# Anyone been to La Rochelle??



## bigcats30 (Aug 13, 2012)

On the West coast of France???

We have just booked the ferry into Caen for June (DDay landings anniversary) and thought we'd pop down here.

Any good?? I've looked at a few Aires on the island which look really nice but happy to hear of any recommendations!

Anywhere close by....anywhere in that area thats better?

have 12 days to explore.

Many thanks

Paul


----------



## blondel (Jun 12, 2005)

The only time we have been to La Rochelle we spent 2 nights on the P & R. Lovely city which we enjoyed visiting by bus. Not so much when the sat nav took us right through the middle when we were leaving.


----------



## barryd (May 9, 2008)

bigcats30 said:


> I've looked at a few Aires on the *island* which look really nice but happy to hear of any recommendations!
> 
> Anywhere close by....anywhere in that area thats better?
> 
> ...


You are talking about La Rochelle the town on the coast of western France and not one of the islands like Ile d'oleron or Ile de re?

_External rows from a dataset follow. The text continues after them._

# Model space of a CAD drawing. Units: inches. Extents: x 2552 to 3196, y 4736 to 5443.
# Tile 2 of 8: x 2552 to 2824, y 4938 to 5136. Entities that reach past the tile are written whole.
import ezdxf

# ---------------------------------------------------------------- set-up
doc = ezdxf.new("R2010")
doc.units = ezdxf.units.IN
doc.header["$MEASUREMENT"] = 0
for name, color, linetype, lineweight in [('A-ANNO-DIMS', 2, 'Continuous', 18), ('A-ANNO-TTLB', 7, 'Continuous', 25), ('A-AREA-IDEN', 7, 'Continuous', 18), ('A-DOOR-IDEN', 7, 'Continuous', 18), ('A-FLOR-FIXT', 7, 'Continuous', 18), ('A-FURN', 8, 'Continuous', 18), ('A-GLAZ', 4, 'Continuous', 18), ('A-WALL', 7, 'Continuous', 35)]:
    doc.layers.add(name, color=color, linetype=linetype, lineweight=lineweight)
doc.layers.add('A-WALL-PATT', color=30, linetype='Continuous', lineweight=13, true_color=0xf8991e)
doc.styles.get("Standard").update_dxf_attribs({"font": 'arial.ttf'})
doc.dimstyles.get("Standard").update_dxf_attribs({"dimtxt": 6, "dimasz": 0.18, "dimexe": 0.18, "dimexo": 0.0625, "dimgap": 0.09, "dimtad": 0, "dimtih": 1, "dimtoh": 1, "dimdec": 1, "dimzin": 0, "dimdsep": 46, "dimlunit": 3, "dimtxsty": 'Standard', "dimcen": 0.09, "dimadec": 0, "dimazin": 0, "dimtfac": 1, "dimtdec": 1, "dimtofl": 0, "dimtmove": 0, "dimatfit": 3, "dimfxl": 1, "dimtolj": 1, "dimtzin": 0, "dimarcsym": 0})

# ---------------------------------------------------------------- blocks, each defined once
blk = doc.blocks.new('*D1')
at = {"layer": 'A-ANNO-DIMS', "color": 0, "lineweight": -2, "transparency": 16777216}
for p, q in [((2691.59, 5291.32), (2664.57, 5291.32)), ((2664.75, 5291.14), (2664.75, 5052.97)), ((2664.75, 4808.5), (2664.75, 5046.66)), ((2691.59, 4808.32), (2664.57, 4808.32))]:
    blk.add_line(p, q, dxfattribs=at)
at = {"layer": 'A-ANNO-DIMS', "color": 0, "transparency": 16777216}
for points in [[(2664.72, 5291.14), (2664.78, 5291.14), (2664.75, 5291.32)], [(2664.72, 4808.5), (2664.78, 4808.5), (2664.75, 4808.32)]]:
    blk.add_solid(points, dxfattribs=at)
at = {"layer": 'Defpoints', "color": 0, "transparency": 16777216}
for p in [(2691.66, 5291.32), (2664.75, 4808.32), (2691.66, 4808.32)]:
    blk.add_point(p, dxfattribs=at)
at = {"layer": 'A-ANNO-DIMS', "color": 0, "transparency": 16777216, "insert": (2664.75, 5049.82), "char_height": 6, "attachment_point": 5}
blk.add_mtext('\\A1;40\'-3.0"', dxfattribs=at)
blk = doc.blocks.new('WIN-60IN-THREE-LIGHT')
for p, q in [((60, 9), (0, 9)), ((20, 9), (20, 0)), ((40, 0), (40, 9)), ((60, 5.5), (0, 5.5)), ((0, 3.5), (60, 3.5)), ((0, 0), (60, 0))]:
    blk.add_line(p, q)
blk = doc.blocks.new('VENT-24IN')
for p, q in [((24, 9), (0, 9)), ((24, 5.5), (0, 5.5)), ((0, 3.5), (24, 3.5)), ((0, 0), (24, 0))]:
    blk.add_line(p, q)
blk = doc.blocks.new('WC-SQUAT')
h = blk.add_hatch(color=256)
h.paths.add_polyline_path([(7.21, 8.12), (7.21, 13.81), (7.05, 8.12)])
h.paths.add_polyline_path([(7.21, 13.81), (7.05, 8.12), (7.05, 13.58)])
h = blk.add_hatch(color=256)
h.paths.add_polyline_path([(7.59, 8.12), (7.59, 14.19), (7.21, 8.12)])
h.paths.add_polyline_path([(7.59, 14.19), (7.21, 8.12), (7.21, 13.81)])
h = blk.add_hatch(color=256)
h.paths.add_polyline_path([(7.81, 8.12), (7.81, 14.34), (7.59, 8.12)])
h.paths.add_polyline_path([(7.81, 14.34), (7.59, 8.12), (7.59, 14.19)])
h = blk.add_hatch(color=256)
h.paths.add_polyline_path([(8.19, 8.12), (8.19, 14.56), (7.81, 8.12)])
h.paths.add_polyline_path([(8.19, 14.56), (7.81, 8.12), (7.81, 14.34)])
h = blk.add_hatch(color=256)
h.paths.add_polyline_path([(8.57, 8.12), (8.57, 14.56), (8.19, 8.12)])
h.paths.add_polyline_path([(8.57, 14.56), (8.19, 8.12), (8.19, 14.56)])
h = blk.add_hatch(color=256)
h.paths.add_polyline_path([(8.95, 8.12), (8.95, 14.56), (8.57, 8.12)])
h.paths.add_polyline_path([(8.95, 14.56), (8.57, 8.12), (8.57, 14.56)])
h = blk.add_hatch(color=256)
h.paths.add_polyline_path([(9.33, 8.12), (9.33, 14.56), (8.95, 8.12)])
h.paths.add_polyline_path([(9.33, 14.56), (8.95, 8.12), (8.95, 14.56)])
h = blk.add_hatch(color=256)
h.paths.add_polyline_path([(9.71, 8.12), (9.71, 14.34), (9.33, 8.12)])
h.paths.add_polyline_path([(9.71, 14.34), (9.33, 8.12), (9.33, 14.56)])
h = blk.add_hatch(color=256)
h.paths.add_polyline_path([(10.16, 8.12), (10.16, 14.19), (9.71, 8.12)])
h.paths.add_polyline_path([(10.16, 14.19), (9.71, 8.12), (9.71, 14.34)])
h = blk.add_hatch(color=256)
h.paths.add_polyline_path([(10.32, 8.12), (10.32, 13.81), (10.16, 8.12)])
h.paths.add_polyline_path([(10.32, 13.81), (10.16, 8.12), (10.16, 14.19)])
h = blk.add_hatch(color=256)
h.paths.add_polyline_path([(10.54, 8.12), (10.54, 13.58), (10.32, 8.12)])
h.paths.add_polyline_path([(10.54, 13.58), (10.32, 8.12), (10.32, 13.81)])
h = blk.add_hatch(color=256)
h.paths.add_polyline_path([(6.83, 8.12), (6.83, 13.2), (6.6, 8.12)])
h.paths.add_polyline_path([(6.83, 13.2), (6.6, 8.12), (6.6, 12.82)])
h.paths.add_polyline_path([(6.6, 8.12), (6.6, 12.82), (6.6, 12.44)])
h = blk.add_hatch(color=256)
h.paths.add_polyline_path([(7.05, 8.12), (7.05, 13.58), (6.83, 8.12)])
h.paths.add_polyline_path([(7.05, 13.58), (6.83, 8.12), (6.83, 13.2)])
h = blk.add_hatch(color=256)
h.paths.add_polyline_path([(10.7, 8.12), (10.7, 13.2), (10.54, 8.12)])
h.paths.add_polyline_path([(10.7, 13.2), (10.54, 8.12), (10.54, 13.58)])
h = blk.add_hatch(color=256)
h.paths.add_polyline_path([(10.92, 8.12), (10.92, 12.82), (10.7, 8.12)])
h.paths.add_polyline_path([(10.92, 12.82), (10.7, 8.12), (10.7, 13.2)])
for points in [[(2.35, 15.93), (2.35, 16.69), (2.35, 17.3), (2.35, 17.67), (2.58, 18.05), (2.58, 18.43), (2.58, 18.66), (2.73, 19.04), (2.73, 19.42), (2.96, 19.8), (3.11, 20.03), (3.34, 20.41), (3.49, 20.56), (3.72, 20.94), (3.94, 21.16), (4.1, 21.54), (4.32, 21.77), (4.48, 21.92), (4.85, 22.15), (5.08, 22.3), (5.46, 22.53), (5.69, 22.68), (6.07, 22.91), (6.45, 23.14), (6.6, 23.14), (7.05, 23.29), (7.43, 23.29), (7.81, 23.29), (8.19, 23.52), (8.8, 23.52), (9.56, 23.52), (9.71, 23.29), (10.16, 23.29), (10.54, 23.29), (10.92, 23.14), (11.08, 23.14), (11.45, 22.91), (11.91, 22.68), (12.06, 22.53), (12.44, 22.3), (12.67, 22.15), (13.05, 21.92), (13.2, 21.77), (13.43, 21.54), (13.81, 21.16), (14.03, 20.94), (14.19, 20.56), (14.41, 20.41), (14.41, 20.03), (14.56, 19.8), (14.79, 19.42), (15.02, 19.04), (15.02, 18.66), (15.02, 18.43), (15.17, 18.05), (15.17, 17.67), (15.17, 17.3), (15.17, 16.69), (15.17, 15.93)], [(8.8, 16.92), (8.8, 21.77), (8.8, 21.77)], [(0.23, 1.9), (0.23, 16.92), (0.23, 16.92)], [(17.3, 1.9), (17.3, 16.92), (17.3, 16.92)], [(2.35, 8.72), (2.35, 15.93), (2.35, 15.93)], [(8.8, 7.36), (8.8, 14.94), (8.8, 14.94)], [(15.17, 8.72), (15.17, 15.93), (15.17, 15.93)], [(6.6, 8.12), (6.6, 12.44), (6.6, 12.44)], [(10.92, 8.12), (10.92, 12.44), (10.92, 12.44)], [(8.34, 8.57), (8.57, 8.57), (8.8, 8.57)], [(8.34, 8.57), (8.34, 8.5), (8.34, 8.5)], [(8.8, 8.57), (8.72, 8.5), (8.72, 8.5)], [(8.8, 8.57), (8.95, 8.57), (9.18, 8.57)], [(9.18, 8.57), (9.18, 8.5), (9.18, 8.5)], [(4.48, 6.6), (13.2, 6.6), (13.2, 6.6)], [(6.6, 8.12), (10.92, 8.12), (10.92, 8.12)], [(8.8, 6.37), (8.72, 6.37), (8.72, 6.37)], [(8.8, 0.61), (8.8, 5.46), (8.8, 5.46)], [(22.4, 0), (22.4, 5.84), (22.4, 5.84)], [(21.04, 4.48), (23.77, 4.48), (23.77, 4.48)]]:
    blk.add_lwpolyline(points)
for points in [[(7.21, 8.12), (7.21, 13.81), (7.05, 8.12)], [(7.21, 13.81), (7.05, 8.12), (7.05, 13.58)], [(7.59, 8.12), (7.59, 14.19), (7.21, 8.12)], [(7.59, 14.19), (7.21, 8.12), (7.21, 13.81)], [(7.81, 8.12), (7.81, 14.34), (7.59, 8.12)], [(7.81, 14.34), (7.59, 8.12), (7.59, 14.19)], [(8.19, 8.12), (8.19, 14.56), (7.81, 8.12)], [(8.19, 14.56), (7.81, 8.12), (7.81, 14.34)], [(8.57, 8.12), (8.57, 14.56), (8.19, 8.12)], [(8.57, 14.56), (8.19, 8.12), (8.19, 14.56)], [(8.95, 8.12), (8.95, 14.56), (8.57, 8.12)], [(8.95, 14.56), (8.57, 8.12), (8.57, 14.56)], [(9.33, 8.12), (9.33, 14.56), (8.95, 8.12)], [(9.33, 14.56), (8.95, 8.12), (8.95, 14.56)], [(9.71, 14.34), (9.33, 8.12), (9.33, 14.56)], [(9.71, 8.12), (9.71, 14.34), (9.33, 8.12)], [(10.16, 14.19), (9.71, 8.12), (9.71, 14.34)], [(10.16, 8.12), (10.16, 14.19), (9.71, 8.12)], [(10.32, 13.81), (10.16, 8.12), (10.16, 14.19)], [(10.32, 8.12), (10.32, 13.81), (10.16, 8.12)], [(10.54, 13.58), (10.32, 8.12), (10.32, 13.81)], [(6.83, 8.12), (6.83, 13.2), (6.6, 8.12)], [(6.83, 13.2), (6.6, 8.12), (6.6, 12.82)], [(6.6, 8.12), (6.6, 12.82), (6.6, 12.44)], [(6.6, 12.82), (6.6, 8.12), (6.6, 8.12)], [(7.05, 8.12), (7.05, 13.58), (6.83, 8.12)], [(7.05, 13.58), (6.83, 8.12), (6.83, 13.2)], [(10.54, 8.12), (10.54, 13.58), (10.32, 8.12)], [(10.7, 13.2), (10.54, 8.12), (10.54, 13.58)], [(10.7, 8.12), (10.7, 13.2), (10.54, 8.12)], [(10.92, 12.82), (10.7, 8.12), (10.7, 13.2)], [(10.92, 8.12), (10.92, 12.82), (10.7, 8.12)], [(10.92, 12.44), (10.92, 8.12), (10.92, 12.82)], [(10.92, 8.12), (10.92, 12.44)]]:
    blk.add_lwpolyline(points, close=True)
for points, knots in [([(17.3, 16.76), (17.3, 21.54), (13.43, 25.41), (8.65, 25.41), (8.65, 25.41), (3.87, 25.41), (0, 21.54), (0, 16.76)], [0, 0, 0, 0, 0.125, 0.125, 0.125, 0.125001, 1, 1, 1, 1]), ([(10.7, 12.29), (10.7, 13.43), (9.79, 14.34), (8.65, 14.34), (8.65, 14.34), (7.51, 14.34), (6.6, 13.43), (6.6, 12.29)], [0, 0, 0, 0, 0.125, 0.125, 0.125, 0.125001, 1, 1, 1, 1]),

If its La Rochelle the town then yes its definately worth a visit. The Aire in the town is pretty grim though and right on a major road network.

We stayed at the lovely aire at Aytre which thanks to the new campsite database on here which is crap I can no longer find. but its here 46.11366 -1.12313

Its a good bike ride or scooter ride to the town though but I think its the best Aire in the area.

Probably worth checking out www.campingcar-infos.com as there are a few other listings nearer.


----------



## takeaflight (May 9, 2005)

I would visit La Rochelle but stay a little further south on Oleron, it's free over the bridge and a great working island, reminds me if the Caribbean.

Plenty if aires and asci sites, we use La Brand.
Roy


----------



## bigcats30 (Aug 13, 2012)

barryd said:


> bigcats30 said:
> 
> 
> > I've looked at a few Aires on the *island* which look really nice but happy to hear of any recommendations!
> ...


Yes mate the one on the coast....have had a look on google earth and the islands look beautiful so will probably stay on one of them and use the scooter to get about.

Well from the positive feedbacks so far looks like thats where we'll head


----------



## bognormike (May 10, 2005)

When we stopped there (about 10 years ago?) there was a municipal site on the south side , only a short walk and small ferry across to the old town. It was a bit grotty then not sure whether it's still there? There was an aire at the marina but not in use due to a boat show. 
A lovely town, well worth a walk, and dinner in one of the many restaurants.

We also spent some time on Oleron, super island - long sandy beaches on the west, oyster and mussels bed on the east. Several aires, and la brande site is good (camping cheques?). If you can, do a trip to the oyster beds- great fun. (Samples included!)


----------



## peejay (May 10, 2005)

La Rochelle is one of our favourite places in France.

There are some tolerated free overnight spots around the town but they often get closed if there are too many using them and more spring up elsewhere. For example there were a couple over on the Minimes marina area but one had been closed off to motorhomes on our last visit. It was a short cheap water taxi trip from there over to the town, there will probably be others now as the French usually find other spots.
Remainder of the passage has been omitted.